The code is printed to **stderr**, so stdout stays a clean, pipeable list of paths
even with `--show-code`. On a terminal it is syntax-highlighted with Pygments; the
highlighting is disabled when `NO_COLOR` is set or when stderr is redirected.

If the model's reply doesn't validate (malformed JSON, wrong function shape, an invalid
package name), nfind feeds the error back and retries a few times before giving up;
`--verbose` reports when a retry happens.
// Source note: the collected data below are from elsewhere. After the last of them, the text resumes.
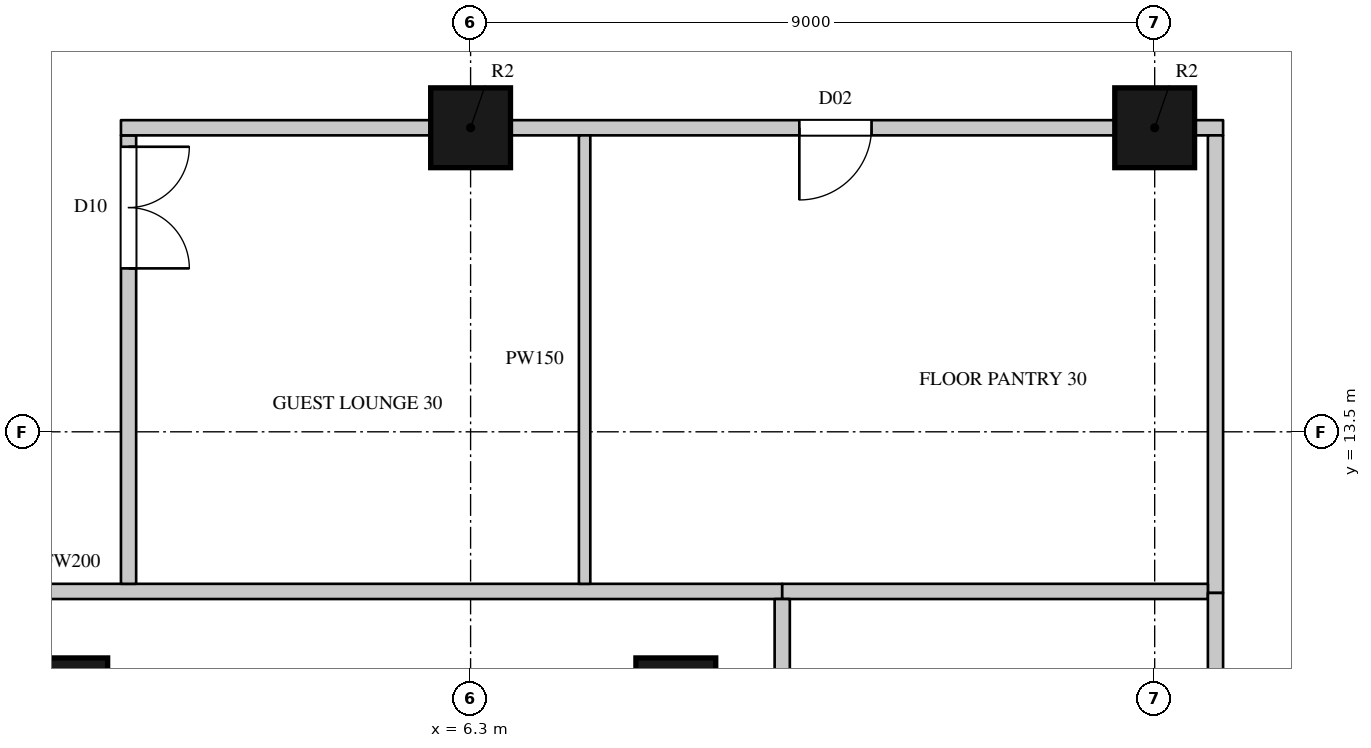
"""IFC4 building model, lengths in metres.
Left out: names, types, materials, properties, quantities, classifications, styles, units other than length and angle.
Written with IfcOpenShell. Run it as: python <this file> out.ifc"""

import sys

from ifc_helpers import new_model, si_unit, direction, frame, frame_2d, origin, origin_2d, place, context, subcontext, project, spatial, rectangle, circle, extrude, element, fill, save


model = new_model("IFC4")
c1 = context("Model", 3, precision=1e-05, world=origin(), true_north=direction((0.0, 1.0)))
c2 = subcontext(c1, "Body", "Model", "MODEL_VIEW")
j1 = project(units=[si_unit("LENGTHUNIT", "METRE"), si_unit("PLANEANGLEUNIT", "RADIAN")], contexts=[c1])
p1 = place(None, origin())
s1 = spatial("IfcSite", under=j1, at=p1, CompositionType="ELEMENT")
p2 = place(p1, origin())
s2 = spatial("IfcBuilding", under=s1, at=p2, CompositionType="ELEMENT")
p3 = place(p2, frame((0.0, 0.0, 138.3)))
s3 = spatial("IfcBuildingStorey", under=s2, at=p3, CompositionType="ELEMENT", Elevation=138.3)
for number, where, z_axis, x_axis in (
    (1, (6.3, 17.5, 0.0), (0.0, 0.0, 1.0), (1.0, 0.0, 0.0)),
    (2, (15.3, 17.5, 0.0), (0.0, 0.0, 1.0), (1.0, 0.0, 0.0)),
    (3, (1.0, 10.0, 0.0), (0.0, 0.0, 1.0), (1.0, 0.0, 0.0)),
    (4, (9.0, 10.0, 0.0), (0.0, 0.0, 1.0), (1.0, 0.0, 0.0)),
):
    element("IfcColumn", number, at=place(p3, frame(where, z_axis=z_axis, x_axis=x_axis)), inside=s3, PredefinedType="COLUMN", context=c2, shape_type="SweptSolid", body=[
        extrude(circle(Radius=0.525, at=origin_2d()), origin(), (0.0, 0.0, 1.0), 3.6),
    ])
p4 = place(p3, frame((-8.3, 11.4, 0.0), z_axis=(0.0, 0.0, 1.0), x_axis=(1.0, 0.0, 0.0)))
e5 = element("IfcWall", 5, at=p4, inside=s3, PredefinedType="PARTITIONING", context=c2, shape_type="SweptSolid", body=[
    extrude(rectangle(XDim=18.7, YDim=0.2, at=frame_2d((9.35, 0.0))), origin(), (0.0, 0.0, 1.0), 3.3),
])
p5 = place(p4, frame((6.9, 0.0, 0.0)))
e6 = element("IfcOpeningElement", 6, at=p5, cuts=e5, PredefinedType="OPENING", context=c2, shape_type="SweptSolid", body=[
    extrude(rectangle(XDim=1.5, YDim=2.2, at=frame_2d((0.75, 1.1))), frame((0.0, 0.11, 0.0), z_axis=(0.0, -1.0, 0.0), x_axis=(1.0, 0.0, 0.0)), (0.0, 0.0, 1.0), 0.22),
])
p6 = place(p3, frame((1.8, 11.5, 0.0), z_axis=(0.0, 0.0, 1.0), x_axis=(0.0, 1.0, 0.0)))
e7 = element("IfcWall", 7, at=p6, inside=s3, PredefinedType="PARTITIONING", context=c2, shape_type="SweptSolid", body=[
    extrude(rectangle(XDim=5.9, YDim=0.2, at=frame_2d((2.95, 0.0))), origin(), (0.0, 0.0, 1.0), 3.3),
])
p7 = place(p6, frame((4.15, 0.0, 0.0)))
e8 = element("IfcOpeningElement", 8, at=p7, cuts=e7, PredefinedType="OPENING", context=c2, shape_type="SweptSolid", body=[
    extrude(rectangle(XDim=1.6, YDim=2.4, at=frame_2d((0.8, 1.2))), frame((0.0, 0.11, 0.0), z_axis=(0.0, -1.0, 0.0), x_axis=(1.0, 0.0, 0.0)), (0.0, 0.0, 1.0), 0.22),
])
p8 = place(p3, frame((1.7, 17.5, 0.0), z_axis=(0.0, 0.0, 1.0), x_axis=(1.0, 0.0, 0.0)))
e9 = element("IfcWall", 9, at=p8, inside=s3, PredefinedType="PARTITIONING", context=c2, shape_type="SweptSolid", body=[
    extrude(rectangle(XDim=4.075, YDim=0.2, at=frame_2d((2.038, 0.0))), origin(), (0.0, 0.0, 1.0), 2.75),
])
p9 = place(p3, frame((6.825, 17.5, 0.0), z_axis=(0.0, 0.0, 1.0), x_axis=(1.0, 0.0, 0.0)))
e10 = element("IfcWall", 10, at=p9, inside=s3, PredefinedType="PARTITIONING", context=c2, shape_type="SweptSolid", body=[
    extrude(rectangle(XDim=7.95, YDim=0.2, at=frame_2d((3.975, 0.0))), origin(), (0.0, 0.0, 1.0), 2.75),
])
p10 = place(p9, frame((3.8, 0.0, 0.0)))
e11 = element("IfcOpeningElement", 11, at=p10, cuts=e10, PredefinedType="OPENING", context=c2, shape_type="SweptSolid", body=[
    extrude(rectangle(XDim=0.95, YDim=2.2, at=frame_2d((0.475, 1.1))), frame((0.0, 0.11, 0.0), z_axis=(0.0, -1.0, 0.0), x_axis=(1.0, 0.0, 0.0)), (0.0, 0.0, 1.0), 0.22),
])
p11 = place(p3, frame((15.825, 17.5, 0.0), z_axis=(0.0, 0.0, 1.0), x_axis=(1.0, 0.0, 0.0)))
e12 = element("IfcWall", 12, at=p11, inside=s3, PredefinedType="PARTITIONING", context=c2, shape_type="SweptSolid", body=[
    extrude(rectangle(XDim=0.375, YDim=0.2, at=frame_2d((0.188, 0.0))), origin(), (0.0, 0.0, 1.0), 3.3),
])
p12 = place(p3, frame((16.1, 11.38, 0.0), z_axis=(0.0, 0.0, 1.0), x_axis=(0.0, 1.0, 0.0)))
e13 = element("IfcWall", 13, at=p12, inside=s3, PredefinedType="PARTITIONING", context=c2, shape_type="SweptSolid", body=[
    extrude(rectangle(XDim=6.02, YDim=0.2, at=frame_2d((3.01, 0.0))), origin(), (0.0, 0.0, 1.0), 3.3),
])
p13 = place(p3, frame((7.8, 11.5, 0.0), z_axis=(0.0, 0.0, 1.0), x_axis=(0.0, 1.0, 0.0)))
e14 = element("IfcWall", 14, at=p13, inside=s3, PredefinedType="PARTITIONING", context=c2, shape_type="SweptSolid", body=[
    extrude(rectangle(XDim=5.9, YDim=0.15, at=frame_2d((2.95, 0.0))), origin(), (0.0, 0.0, 1.0), 3.3),
])
p14 = place(p3, frame((10.4, 11.4, 0.0), z_axis=(0.0, 0.0, 1.0), x_axis=(1.0, 0.0, 0.0)))
e15 = element("IfcWall", 15, at=p14, inside=s3, PredefinedType="PARTITIONING", context=c2, shape_type="SweptSolid", body=[
    extrude(rectangle(XDim=5.6, YDim=0.2, at=frame_2d((2.8, 0.0))), origin(), (0.0, 0.0, 1.0), 3.3),
])
for number, where, z_axis, x_axis in (
    (16, (10.4, 6.745, 0.0), (0.0, 0.0, 1.0), (0.0, 1.0, 0.0)),
    (17, (16.1, 6.825, 0.0), (0.0, 0.0, 1.0), (0.0, 1.0, 0.0)),
):
    element("IfcWall", number, at=place(p3, frame(where, z_axis=z_axis, x_axis=x_axis)), inside=s3, PredefinedType="PARTITIONING", context=c2, shape_type="SweptSolid", body=[
        extrude(rectangle(XDim=4.555, YDim=0.2, at=frame_2d((2.277, 0.0))), origin(), (0.0, 0.0, 1.0), 3.3),
    ])
p15 = place(p7, origin())
e18 = element("IfcDoor", 18, at=p15, inside=s3, OperationType="DOUBLE_DOOR_SINGLE_SWING", PredefinedType="DOOR", context=c2, shape_type="SweptSolid", body=[
    extrude(rectangle(XDim=1.6, YDim=2.4, at=frame_2d((0.8, 1.2))), frame((0.0, 0.025, 0.0), z_axis=(0.0, -1.0, 0.0), x_axis=(1.0, 0.0, 0.0)), (0.0, 0.0, 1.0), 0.05),
])
fill(e8, e18)
p16 = place(p10, origin())
e19 = element("IfcDoor", 19, at=p16, inside=s3, OperationType="SINGLE_SWING_RIGHT", PredefinedType="DOOR", context=c2, shape_type="SweptSolid", body=[
    extrude(rectangle(XDim=0.95, YDim=2.2, at=frame_2d((0.475, 1.1))), frame((0.0, 0.025, 0.0), z_axis=(0.0, -1.0, 0.0), x_axis=(1.0, 0.0, 0.0)), (0.0, 0.0, 1.0), 0.05),
])
fill(e11, e19)
save(model, sys.argv[1])

The first run builds the worker image for the chosen runtime
(`nfind-search-paths:latest` for Python, `nfind-search-node:latest` for Node.js);
later runs reuse it. Pass `--rebuild` to force a fresh build.

### Useful options

| Option | Default | Purpose |
| --- | --- | --- |
| `--model` | `gpt-4o-mini` | Model used to generate the filter; `provider/model` for non-OpenAI (see [Providers](#providers)) |
| `--timeout` | `10.0` | Seconds the filter may run before it is killed |
| `--memory` | `256m` | Worker container memory limit |
| `--cpus` | `1.0` | Worker container CPU limit |
| `--pids-limit` | `64` | Max processes inside the worker |
| `--rebuild` | off | Rebuild the worker image first |
| `--exclude GLOB` | — | Skip matching names/paths during enumeration (repeatable) |
| `--no-ignore` | off | Include default ignored directories such as `.git` and `node_modules` |
| `--max-depth N` | unlimited | Descend at most `N` levels below each search path |
| `--verbose` / `-v` | off | Show extra per-path fields alongside each path |
| `--json` | off | Output records (path + extra fields) as JSON |
| `--print0` / `-0` | off | Separate result paths with NUL bytes for `xargs -0` |
| `--yes` / `-y` | off | Approve any requested packages without prompting |
| `--no-deps` | off | Reject third-party packages (standard library only) |
| `--macos-meta` | off | macOS: expose Finder tags and download metadata to the filter |
| `--show-code` | off | Print the generated filter before running |
| `--save` | — | Write the generated filter as a replayable script |
| `--run` | — | Replay a saved filter through the sandbox without an LLM call |
| `--confirm` / `-i` | off | Show the code and confirm before running |

### Providers

By default nfind uses OpenAI. To use another provider, pass `--model provider/model`;
nfind reuses the OpenAI SDK against that provider's OpenAI-compatible endpoint, so there
is no extra dependency to install — just set the provider's API key.

```bash
nfind "files with no extension"                          # OpenAI (OPENAI_API_KEY)
nfind "..." --model anthropic/claude-sonnet-4-6          # ANTHROPIC_API_KEY
nfind "..." --model gemini/gemini-2.5-flash              # GEMINI_API_KEY
nfind "..." --model groq/llama-3.3-70b-versatile         # GROQ_API_KEY
nfind "..." --model openrouter/<vendor>/<model>          # OPENROUTER_API_KEY (near-universal)
nfind "..." --model ollama/llama3.1                      # local, no key
```

Supported prefixes: `openai`, `anthropic`, `gemini`, `groq`, `mistral`, `deepseek`,
`xai`, `openrouter`, `ollama`, `lmstudio`. Each reads its own `*_API_KEY` (local
servers need none). nfind handles providers without strict JSON mode automatically.
Capable models follow the filter contract best; weaker ones may need a retry or a
stronger model.

## Example prompts

- "directories that contain only audio files"
- "files that have no extension"
- "directories that contain more than 50 files"
- "Python virtual environments (directories with a pyvenv.cfg directly inside)"
- "initialized Terraform root modules"

## Library use

```python
from nfind import search

# Returns a list of records, each a dict with at least a "path" key (a host path).
# When the prompt asks for extra per-file values, they appear as additional keys.
records = search(".", "directories that contain only audio files")
paths = [record["path"] for record in records]
```

## Safety model

- Search roots are mounted **read-only** under `/data`; results are mapped back to host
  paths afterward.
- The worker container runs with `--network none`, `--cap-drop ALL`,
  `--security-opt no-new-privileges`, a read-only root filesystem, and a small
  `tmpfs` for scratch space.
- The host validates that the filter returns only paths it was given, so generated
  code cannot inject arbitrary paths into the output.